【藩名】
淀藩
【説明】
淀藩の藩主家稲葉氏は10万2,000石という大領ではあったが、その所領は山城のほかに摂津・河内・近江・下総・越後などの多方面に分散しており、山城にあった所領は2万石にも満たなかったと伝わります。このため、藩政においても財政は苦しかったです。

第7代藩主「稲葉正諶」は、天明4年(1784年)に越後の所領を和泉や近江に移したが、これにより所領10万2,000石は7カ国に分散することとなり、全くの逆効果を招きました。
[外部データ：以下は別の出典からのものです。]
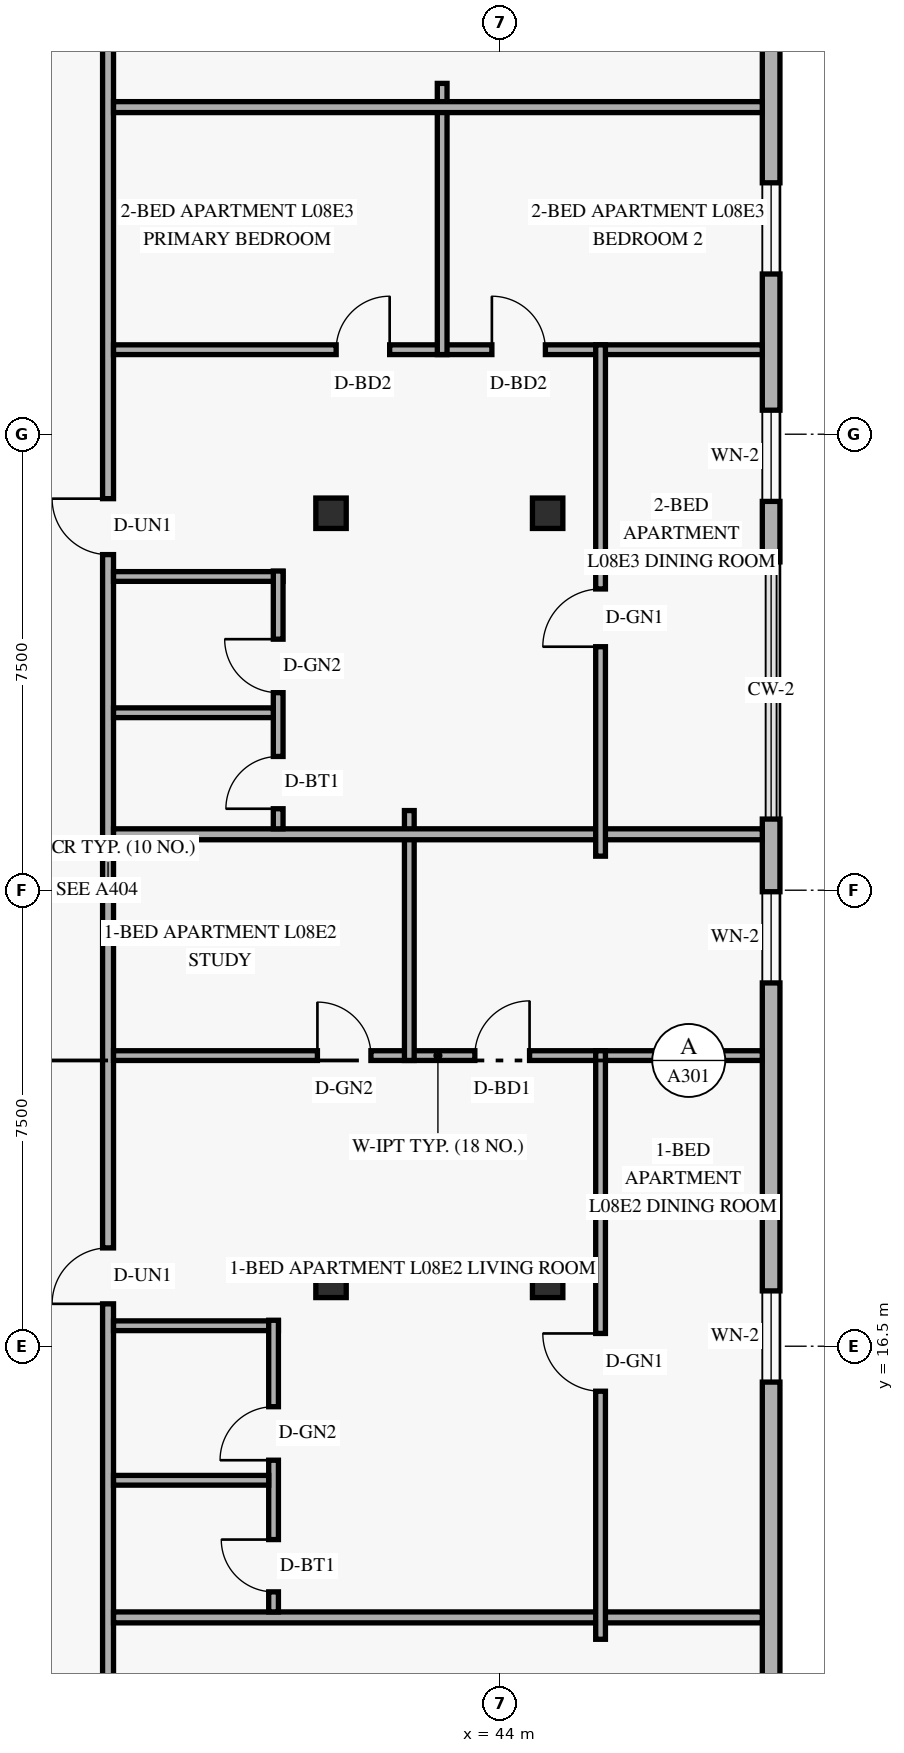
"""IFC4 building model, lengths in metres.
Left out: names, types, materials, properties, quantities, classifications, styles, units other than length and angle.
Written with IfcOpenShell. Run it as: python <this file> out.ifc"""

import sys

from ifc_helpers import new_model, si_unit, direction, frame, frame_2d, origin, origin_2d, place, context, subcontext, project, spatial, rectangle, hollow_rectangle, extrude, element, fill, save


model = new_model("IFC4")
c1 = context("Model", 3, precision=1e-05, world=origin(), true_north=direction((0.0, 1.0)))
c2 = subcontext(c1, "Body", "Model", "MODEL_VIEW")
j1 = project(units=[si_unit("LENGTHUNIT", "METRE"), si_unit("PLANEANGLEUNIT", "RADIAN")], contexts=[c1])
p1 = place(None, origin())
s1 = spatial("IfcSite", under=j1, at=p1, CompositionType="ELEMENT")
p2 = place(p1, origin())
s2 = spatial("IfcBuilding", under=s1, at=p2, CompositionType="ELEMENT")
p3 = place(p2, frame((0.0, 0.0, 34.8)))
s3 = spatial("IfcBuildingStorey", under=s2, at=p3, CompositionType="ELEMENT", Elevation=34.8)
for number, where, z_axis, x_axis in (
    (1, (41.154, 17.55, 0.0), (0.035, 0.0, 0.999), (0.0, 1.0, 0.0)),
    (2, (41.154, 30.2, 0.0), (0.035, 0.0, 0.999), (0.0, 1.0, 0.0)),
):
    element("IfcColumn", number, at=place(p3, frame(where, z_axis=z_axis, x_axis=x_axis)), inside=s3, PredefinedType="COLUMN", context=c2, shape_type="SweptSolid", body=[
        extrude(hollow_rectangle(XDim=0.5, YDim=0.5, WallThickness=0.022, at=origin_2d()), origin(), (0.0, 0.0, 1.0), 3.602),
    ])
for number, where, z_axis, x_axis in (
    (3, (44.675, 17.55, 0.0), (0.058, 0.0, 0.998), (0.0, 1.0, 0.0)),
    (4, (44.675, 30.2, 0.0), (0.058, 0.0, 0.998), (0.0, 1.0, 0.0)),
):
    element("IfcColumn", number, at=place(p3, frame(where, z_axis=z_axis, x_axis=x_axis)), inside=s3, PredefinedType="COLUMN", context=c2, shape_type="SweptSolid", body=[
        extrude(hollow_rectangle(XDim=0.5, YDim=0.5, WallThickness=0.022, at=origin_2d()), origin(), (0.0, 0.0, 1.0), 3.606),
    ])
p4 = place(p3, frame((48.455, 4.62, 0.0), z_axis=(0.0, 0.0, 1.0), x_axis=(0.0, 1.0, 0.0)))
e5 = element("IfcWall", 5, at=p4, inside=s3, PredefinedType="SOLIDWALL", context=c2, shape_type="SweptSolid", body=[
    extrude(rectangle(XDim=20.55, YDim=0.29, at=frame_2d((10.275, 0.0))), origin(), (0.0, 0.0, 1.0), 3.36),
])
p5 = place(p4, frame((2.96, 0.0, 0.85)))
e6 = element("IfcOpeningElement", 6, at=p5, cuts=e5, PredefinedType="OPENING", context=c2, shape_type="SweptSolid", body=[
    extrude(rectangle(XDim=1.5, YDim=1.55, at=frame_2d((0.75, 0.775))), frame((0.0, 0.155, 0.0), z_axis=(0.0, -1.0, 0.0), x_axis=(1.0, 0.0, 0.0)), (0.0, 0.0, 1.0), 0.31),
])
p6 = place(p4, frame((11.29, 0.0, 0.85)))
e7 = element("IfcOpeningElement", 7, at=p6, cuts=e5, PredefinedType="OPENING", context=c2, shape_type="SweptSolid", body=[
    extrude(rectangle(XDim=1.5, YDim=1.55, at=frame_2d((0.75, 0.775))), frame((0.0, 0.155, 0.0), z_axis=(0.0, -1.0, 0.0), x_axis=(1.0, 0.0, 0.0)), (0.0, 0.0, 1.0), 0.31),
])
p7 = place(p4, frame((17.855, 0.0, 0.85)))
e8 = element("IfcOpeningElement", 8, at=p7, cuts=e5, PredefinedType="OPENING", context=c2, shape_type="SweptSolid", body=[
    extrude(rectangle(XDim=1.5, YDim=1.55, at=frame_2d((0.75, 0.775))), frame((0.0, 0.155, 0.0), z_axis=(0.0, -1.0, 0.0), x_axis=(1.0, 0.0, 0.0)), (0.0, 0.0, 1.0), 0.31),
])
p8 = place(p3, frame((48.455, 29.4, 0.0), z_axis=(0.0, 0.0, 1.0), x_axis=(0.0, 1.0, 0.0)))
e9 = element("IfcWall", 9, at=p8, inside=s3, PredefinedType="SOLIDWALL", context=c2, shape_type="SweptSolid", body=[
    extrude(rectangle(XDim=13.98, YDim=0.29, at=frame_2d((6.99, 0.0))), origin(), (0.0, 0.0, 1.0), 3.36),
])
p9 = place(p8, frame((0.995, 0.0, 0.85)))
e10 = element("IfcOpeningElement", 10, at=p9, cuts=e9, PredefinedType="OPENING", context=c2, shape_type="SweptSolid", body=[
    extrude(rectangle(XDim=1.5, YDim=1.55, at=frame_2d((0.75, 0.775))), frame((0.0, 0.155, 0.0), z_axis=(0.0, -1.0, 0.0), x_axis=(1.0, 0.0, 0.0)), (0.0, 0.0, 1.0), 0.31),
])
p10 = place(p8, frame((4.735, 0.0, 0.85)))
e11 = element("IfcOpeningElement", 11, at=p10, cuts=e9, PredefinedType="OPENING", context=c2, shape_type="SweptSolid", body=[
    extrude(rectangle(XDim=1.5, YDim=1.55, at=frame_2d((0.75, 0.775))), frame((0.0, 0.155, 0.0), z_axis=(0.0, -1.0, 0.0), x_axis=(1.0, 0.0, 0.0)), (0.0, 0.0, 1.0), 0.31),
])
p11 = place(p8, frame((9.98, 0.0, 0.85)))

幕末の淀藩主「稲葉正邦」は幕末期の動乱の中で老中を2度務め、「板倉勝静」や「小笠原長行」らと共に幕府に貢献した人物です。しかし正邦の江戸詰め中に「戊辰戦争」の「鳥羽・伏見の戦い」が勃発し、旧幕府軍が朝廷によって朝敵とされたため、淀城代は敗走する旧幕府軍を城内に入れませんでした。これが「鳥羽・伏見の戦い」における旧幕府軍の敗北の一因とも言われています。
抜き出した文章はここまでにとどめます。